ME414 Introduction to Data Science and Big Data Analytics

LSE Methods Summer Programme 2016

Kenneth Benoit, Department of Methodology, LSE
Slava Mikhaylov, University College London, UCL
Jack Blumenau (Labs), Department of Methodology, LSE

This repository contains the class materials for the LSE Methods Summer Programme course ME414 Introduction to Data Science and Big Data Analytics taught in August 2016 by Kenneth Benoit and Slava Mikhaylov.

Overview

Data Science and Big Data Analytics are exciting new areas that combine scientific inquiry, statistical knowledge, substantive expertise, and computer programming. One of the main challenges for businesses and policy makers when using big data is to find people with the appropriate skills. Good data science requires experts that combine substantive knowledge with data analytical skills, which makes it a prime area for social scientists with an interest in quantitative methods. This course integrates prior training in quantitative methods (statistics) and coding with substantive expertise and introduces the fundamental concepts and techniques of Data Science and Big Data Analytics.

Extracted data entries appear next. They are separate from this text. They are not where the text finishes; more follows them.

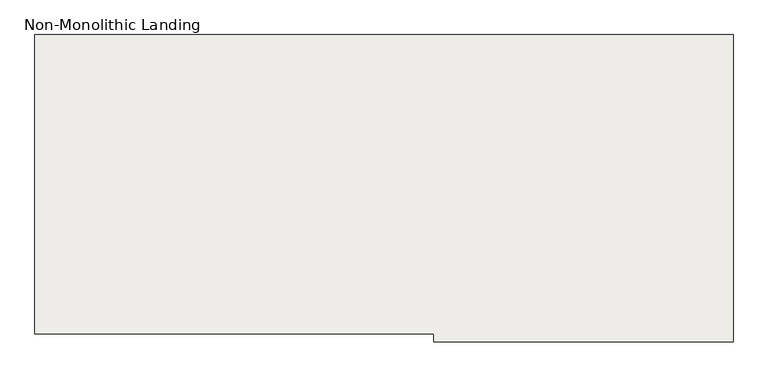
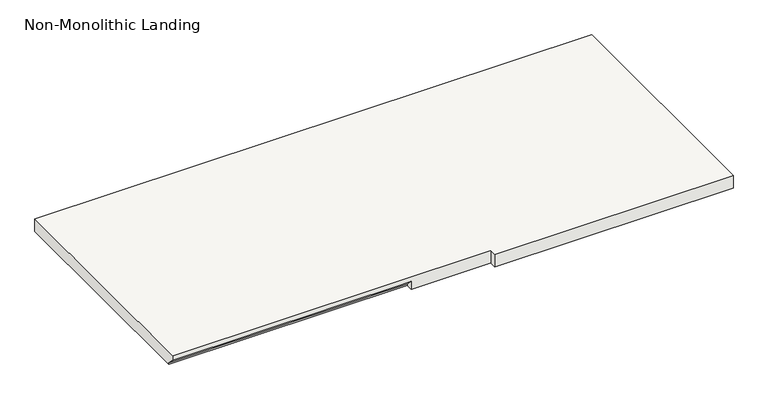
"""IFC4 building model written with IfcOpenShell, lengths in millimetres: slab geometry, Non-Monolithic Landing."""

from ifc_helpers import new_model, si_unit, origin, place, context, project, spatial, faceted_brep, source, transform, mapped, element, save


def non_monolithic_landing_d45999a6(model_context):
    return source(origin(), model_context, "Body", "Brep", [
        faceted_brep([(-3617.4415084, 23194.7216096, 36560.9005799), (-3617.4415084, 23220.1216096, 36535.5005799), (-2703.0415084, 23220.1216096, 36535.5005799), (-2703.0415084, 23194.7216096, 36560.9005799), (-2398.2415084, 23194.7216096, 36579.9505799), (-2398.2415084, 23169.3216096, 36579.9505799), (-1483.8415084, 23169.3216096, 36579.9505799), (-1483.8415084, 23194.7216096, 36579.9505799), (-1483.8415084, 24109.1216096, 36579.9505799), (-3617.4415084, 24109.1216096, 36579.9505799), (-3617.4415084, 23194.7216096, 36579.9505799), (-2703.0415084, 23220.1216096, 36529.1505799), (-3617.4415084, 23220.1216096, 36529.1505799), (-3617.4415084, 24109.1216096, 36529.1505799), (-1483.8415084, 24109.1216096, 36529.1505799), (-1483.8415084, 23194.7216096, 36529.1505799), (-1483.8415084, 23169.3216096, 36529.1505799), (-2398.2415084, 23169.3216096, 36529.1505799), (-2398.2415084, 23194.7216096, 36529.1505799), (-2703.0415084, 23194.7216096, 36529.1505799)], [[[0, 1, 2, 3]], [[4, 5, 6, 7, 8, 9, 10]], [[11, 12, 13, 14, 15, 16, 17, 18, 19]], [[12, 11, 2, 1]], [[11, 19, 3, 2]], [[4, 10, 0, 3, 19, 18]], [[5, 4, 18, 17]], [[6, 5, 17, 16]], [[7, 6, 16, 15]], [[8, 7, 15, 14]], [[9, 8, 14, 13]], [[10, 9, 13, 12, 1, 0]]]),
    ])


if __name__ == "__main__":
    model = new_model("IFC4")
    model_context = context("Model", 3, world=origin())
    ifc_project = project(units=[si_unit("LENGTHUNIT", "METRE", prefix="MILLI")], contexts=[model_context])
    site = spatial("IfcSite", under=ifc_project)
    building = spatial("IfcBuilding", under=site)
    placement = place(None, origin())
    non_monolithic_landing_shape = non_monolithic_landing_d45999a6(model_context)
    element("IfcSlab", 1, ObjectType="Non-Monolithic Landing", at=placement, inside=building, context=model_context, shape_type="MappedRepresentation", body=[
        mapped(non_monolithic_landing_shape, transform((0.0, 0.0, 0.0), x_axis=(1.0, 0.0, 0.0), y_axis=(0.0, 1.0, 0.0), z_axis=(0.0, 0.0, 1.0))),
    ])
    save(model, "model.ifc")
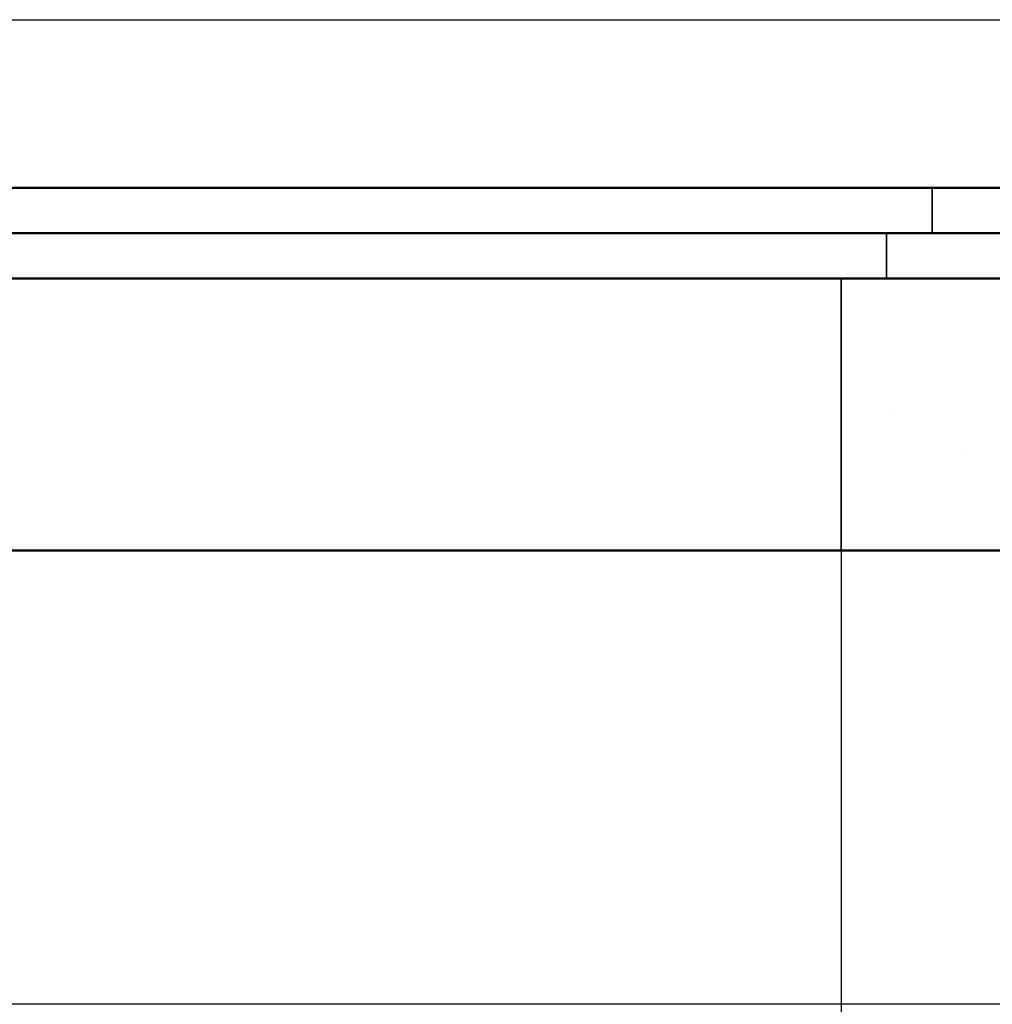
# Model space of a CAD drawing. Units: inches. Extents: x 2812 to 3051, y 1398 to 1659.
# Tile 26 of 65: x 2923 to 2945, y 1472 to 1494. Entities that reach past the tile are written whole.
import ezdxf

# ---------------------------------------------------------------- set-up
doc = ezdxf.new("R2010")
doc.units = ezdxf.units.IN
for name, color, linetype, lineweight in [('A-ANNO-DIMS', 2, 'Continuous', 18), ('S-CONC', 7, 'Continuous', 50), ('S-CONC-PATT', 8, 'Continuous', 18), ('S-CONC-SLAB', 7, 'Continuous', 35)]:
    doc.layers.add(name, color=color, linetype=linetype, lineweight=lineweight)
doc.styles.get("Standard").update_dxf_attribs({"font": 'arial.ttf'})
doc.dimstyles.get("Standard").update_dxf_attribs({"dimtxt": 0.18, "dimasz": 0.18, "dimexe": 0.18, "dimexo": 0.0625, "dimgap": 0.09, "dimtad": 0, "dimtih": 1, "dimtoh": 1, "dimdec": 4, "dimzin": 0, "dimdsep": 46, "dimtxsty": 'Standard', "dimcen": 0.09, "dimadec": 0, "dimazin": 0, "dimtfac": 1, "dimtdec": 4, "dimtofl": 0, "dimtmove": 0, "dimatfit": 3, "dimfxl": 1, "dimtolj": 1, "dimtzin": 0, "dimarcsym": 0})

# ---------------------------------------------------------------- blocks, each defined once
blk = doc.blocks.new('COVER-SLAB-PLAN')
for p, q in [((2, 7), (2, 8)), ((1, 6), (1, 7)), ((1, 7), (2, 7)), ((0, 6), (0, 0)), ((0, 6), (1, 6))]:
    blk.add_line(p, q)
blk = doc.blocks.new('*D45')
at = {"layer": 'A-ANNO-DIMS', "color": 0, "lineweight": -2, "transparency": 16777216}
for p, q in [((2896.385, 1487.973), (2896.385, 1397.505)), ((2941.385, 1487.973), (2941.385, 1397.505)), ((2896.565, 1397.685), (2918.662, 1397.685)), ((2941.205, 1397.685), (2919.108, 1397.685))]:
    blk.add_line(p, q, dxfattribs=at)
at = {"layer": 'A-ANNO-DIMS', "color": 0, "transparency": 16777216}
for points in [[(2896.565, 1397.715), (2896.565, 1397.655), (2896.385, 1397.685)], [(2941.205, 1397.715), (2941.205, 1397.655), (2941.385, 1397.685)]]:
    blk.add_solid(points, dxfattribs=at)
at = {"layer": 'Defpoints', "color": 0, "transparency": 16777216}
for p in [(2896.385, 1488.035), (2941.385, 1488.035), (2941.385, 1397.685)]:
    blk.add_point(p, dxfattribs=at)
at = {"layer": 'A-ANNO-DIMS', "color": 0, "transparency": 16777216, "insert": (2918.885, 1397.685), "char_height": 0.18, "attachment_point": 5}
blk.add_mtext('\\A1;45', dxfattribs=at)
blk = doc.blocks.new('*D46')
at = {"layer": 'A-ANNO-DIMS', "color": 0, "lineweight": -2, "transparency": 16777216}
for p, q in [((2941.385, 1487.973), (2941.385, 1397.505)), ((2970.385, 1487.973), (2970.385, 1397.505)), ((2941.565, 1397.685), (2955.664, 1397.685)), ((2970.205, 1397.685), (2956.106, 1397.685))]:
    blk.add_line(p, q, dxfattribs=at)
at = {"layer": 'A-ANNO-DIMS', "color": 0, "transparency": 16777216}
for points in [[(2941.565, 1397.715), (2941.565, 1397.655), (2941.385, 1397.685)], [(2970.205, 1397.715), (2970.205, 1397.655), (2970.385, 1397.685)]]:
    blk.add_solid(points, dxfattribs=at)
at = {"layer": 'Defpoints', "color": 0, "transparency": 16777216}
for p in [(2941.385, 1488.035), (2970.385, 1488.035), (2970.385, 1397.685)]:
    blk.add_point(p, dxfattribs=at)
at = {"layer": 'A-ANNO-DIMS', "color": 0, "transparency": 16777216, "insert": (2955.885, 1397.685), "char_height": 0.18, "attachment_point": 5}
blk.add_mtext('\\A1;29', dxfattribs=at)
blk = doc.blocks.new('*D55')
at = {"layer": 'A-ANNO-DIMS', "color": 0, "lineweight": -2, "transparency": 16777216}
for p, q in [((2850.811, 1493.738), (3051.178, 1493.738)), ((3050.998, 1493.558), (3050.998, 1491.069)), ((3050.998, 1488.215), (3050.998, 1490.705)), ((2850.811, 1488.035), (3051.178, 1488.035))]:
    blk.add_line(p, q, dxfattribs=at)
at = {"layer": 'A-ANNO-DIMS', "color": 0, "transparency": 16777216}
for points in [[(3050.968, 1493.558), (3051.028, 1493.558), (3050.998, 1493.738)], [(3050.968, 1488.215), (3051.028, 1488.215), (3050.998, 1488.035)]]:
    blk.add_solid(points, dxfattribs=at)
at = {"layer": 'Defpoints', "color": 0, "transparency": 16777216}
for p in [(2850.748, 1493.738), (3050.998, 1493.738), (2850.748, 1488.035)]:
    blk.add_point(p, dxfattribs=at)
at = {"layer": 'A-ANNO-DIMS', "color": 0, "transparency": 16777216, "insert": (3050.998, 1490.887), "char_height": 0.18, "attachment_point": 5}
blk.add_mtext('\\A1;5.703', dxfattribs=at)
blk = doc.blocks.new('*D77')
at = {"layer": 'A-ANNO-DIMS', "color": 0, "lineweight": -2, "transparency": 16777216}
for p, q in [((2961.322, 1472.035), (2811.806, 1472.035)), ((2811.986, 1471.855), (2811.986, 1461.436)), ((2811.986, 1450.654), (2811.986, 1461.073)), ((2963.812, 1450.474), (2811.806, 1450.474))]:
    blk.add_line(p, q, dxfattribs=at)
at = {"layer": 'A-ANNO-DIMS', "color": 0, "transparency": 16777216}
for points in [[(2811.956, 1471.855), (2812.016, 1471.855), (2811.986, 1472.035)], [(2811.956, 1450.654), (2812.016, 1450.654), (2811.986, 1450.474)]]:
    blk.add_solid(points, dxfattribs=at)
at = {"layer": 'Defpoints', "color": 0, "transparency": 16777216}
for p in [(2811.986, 1472.035), (2961.385, 1472.035), (2963.874, 1450.474)]:
    blk.add_point(p, dxfattribs=at)
at = {"layer": 'A-ANNO-DIMS', "color": 0, "transparency": 16777216, "insert": (2811.986, 1461.255), "char_height": 0.18, "attachment_point": 5}
blk.add_mtext('\\A1;21.56', dxfattribs=at)

msp = doc.modelspace()

# ---------------------------------------------------------------- hatches: boundary and pattern name
at = {"layer": 'S-CONC-PATT'}
h = msp.add_hatch(dxfattribs=at)
h.set_pattern_fill('AR-SAND', color=256, scale=0.3)
h.paths.add_polyline_path([(3036.3849, 1416.0354), (3027.3849, 1416.0354), (2826.3849, 1416.0354), (2826.3849, 1410.0354), (2835.3849, 1410.0354), (3036.3849, 1410.0354)])
h.paths.add_polyline_path([(2970.3849, 1488.0354), (2969.3849, 1488.0354), (2941.3849, 1488.0354), (2941.3849, 1482.0354), (2970.3849, 1482.0354)])
h.paths.add_polyline_path([(3036.3849, 1488.0354), (3035.3849, 1488.0354), (3006.3849, 1488.0354), (3006.3849, 1482.0354), (3027.3849, 1482.0354), (3036.3849, 1482.0354)])
h.paths.add_polyline_path([(3034.3849, 1490.0354), (3008.3849, 1490.0354), (3008.3849, 1489.0354), (3034.3849, 1489.0354)])
h.paths.add_polyline_path([(3035.3849, 1489.0354), (3034.3849, 1489.0354), (3007.3849, 1489.0354), (3007.3849, 1488.0354), (3035.3849, 1488.0354)])
h.paths.add_polyline_path([(2968.3849, 1490.0354), (2943.3849, 1490.0354), (2943.3849, 1489.0354), (2968.3849, 1489.0354)])
h.paths.add_polyline_path([(2969.3849, 1489.0354), (2968.3849, 1489.0354), (2942.3849, 1489.0354), (2942.3849, 1488.0354), (2969.3849, 1488.0354)])
h.paths.add_polyline_path([(2896.3849, 1488.0354), (2826.3849, 1488.0354), (2826.3849, 1482.0354), (2896.3849, 1482.0354)])
h.paths.add_polyline_path([(2895.3849, 1489.0354), (2894.3849, 1489.0354), (2827.3849, 1489.0354), (2827.3849, 1488.0354), (2895.3849, 1488.0354)])
h.paths.add_polyline_path([(2894.3849, 1490.0354), (2828.3849, 1490.0354), (2828.3849, 1489.0354), (2894.3849, 1489.0354)])
h = msp.add_hatch(dxfattribs=at)
h.set_pattern_fill('AR-CONC', color=256, scale=0.3)
h.paths.add_polyline_path([(2896.3849, 1488.0354), (2826.3849, 1488.0354), (2826.3849, 1482.0354), (2896.3849, 1482.0354)])
h.paths.add_polyline_path([(2970.3849, 1488.0354), (2941.3849, 1488.0354), (2941.3849, 1482.0354), (2970.3849, 1482.0354)])
h.paths.add_polyline_path([(2968.3849, 1490.0354), (2943.3849, 1490.0354), (2943.3849, 1489.0354), (2968.3849, 1489.0354)])
h.paths.add_polyline_path([(2969.3849, 1489.0354), (2968.3849, 1489.0354), (2943.3849, 1489.0354), (2942.3849, 1489.0354), (2942.3849, 1488.0354), (2969.3849, 1488.0354)])
h.paths.add_polyline_path([(3036.3849, 1488.0354), (3035.3849, 1488.0354), (3006.3849, 1488.0354), (3006.3849, 1482.0354), (3027.3849, 1482.0354), (3036.3849, 1482.0354)])
h.paths.add_polyline_path([(3035.3849, 1489.0354), (3034.3849, 1489.0354), (3007.3849, 1489.0354), (3007.3849, 1488.0354), (3035.3849, 1488.0354)])
h.paths.add_polyline_path([(3034.3849, 1490.0354), (3008.3849, 1490.0354), (3008.3849, 1489.0354), (3034.3849, 1489.0354)])
h.paths.add_polyline_path([(2895.3849, 1489.0354), (2894.3849, 1489.0354), (2827.3849, 1489.0354), (2827.3849, 1488.0354), (2895.3849, 1488.0354)])
h.paths.add_polyline_path([(2894.3849, 1490.0354), (2828.3849, 1490.0354), (2828.3849, 1489.0354), (2894.3849, 1489.0354)])

# ---------------------------------------------------------------- linework, layer by layer
at = {"layer": 'S-CONC'}
for p, q in [((3034.3849, 1490.0354), (2850.7485, 1490.0354)), ((2850.7485, 1489.0354), (3035.3849, 1489.0354)), ((2850.7485, 1488.0354), (3036.3849, 1488.0354)), ((2850.7485, 1482.0354), (3027.3849, 1482.0354))]:
    msp.add_line(p, q, dxfattribs=at)

# ---------------------------------------------------------------- block references
at = {"layer": 'S-CONC-SLAB'}
msp.add_blockref('COVER-SLAB-PLAN', (2941.385, 1482.035), dxfattribs=at)

# ---------------------------------------------------------------- dimensions: what is measured, and where the dimension line sits
at = {"layer": 'A-ANNO-DIMS'}
for base, p1, p2, override, picture, middle in [((3050.998, 1493.7383), (2850.7485, 1488.0354), (2850.7485, 1493.7383), {"dimdec": 3, "dimlfac": 1, "dimrnd": 0, "dimzin": 0, "dimdsep": 46, "dimlunit": 2}, '*D55', (3050.998, 1490.8868)), ((2811.9855, 1472.0354), (2963.8741, 1450.4738), (2961.3849, 1472.0354), {"dimdec": 2, "dimlfac": 1, "dimrnd": 0, "dimzin": 0, "dimdsep": 46, "dimlunit": 2}, '*D77', (2811.9855, 1461.2546))]:
    dim = msp.add_linear_dim(base=base, p1=p1, p2=p2, angle=90, dimstyle='Standard', override=override, dxfattribs=at)
    dim.commit()
    dim.dimension.update_dxf_attribs({"geometry": picture, "text_midpoint": middle})
for base, p1, p2, picture, middle in [((2941.3849, 1397.6854), (2896.3849, 1488.0354), (2941.3849, 1488.0354), '*D45', (2918.8849, 1397.6854)), ((2970.3849, 1397.6854), (2941.3849, 1488.0354), (2970.3849, 1488.0354), '*D46', (2955.8849, 1397.6854))]:
    dim = msp.add_linear_dim(base=base, p1=p1, p2=p2, dimstyle='Standard', override={"dimdec": 0, "dimlfac": 1, "dimrnd": 0, "dimzin": 0, "dimdsep": 46, "dimlunit": 2}, dxfattribs=at)
    dim.commit()
    dim.dimension.update_dxf_attribs({"geometry": picture, "text_midpoint": middle})

doc.saveas('drawing.dxf')

Typical students will be Masters and PhD students from any field requiring the fundamentals of data science or working with typically large datasets and databases. Practitioners from industry, government, or research organisations with some basic training in quantitative analysis or computer programming are also welcome. Because this course surveys diverse techniques and methods, it makes an ideal foundation for more advanced or more specific training. Our applications are drawn from social, political, economic, legal, and business and marketing fields, rather than engineering or other sciences.

Objectives

This course aims to provide an introduction to the data science approach to the quantitative analysis of data using the methods of statistical learning, an approach blending classical statistical methods with recent advances in computational and machine learning. We will cover the main analytical methods from this field with hands-on applications using example datasets, so that students gain experience with and confidence in using the methods we cover. We also cover data preparation and processing, including working with structured databases, key-value formatted data (JSON), and unstructured textual data. At the end of this course students will have a sound understanding of the field of data science, the ability to analyse data using some of its main methods, and a solid foundation for more advanced or more specialised study.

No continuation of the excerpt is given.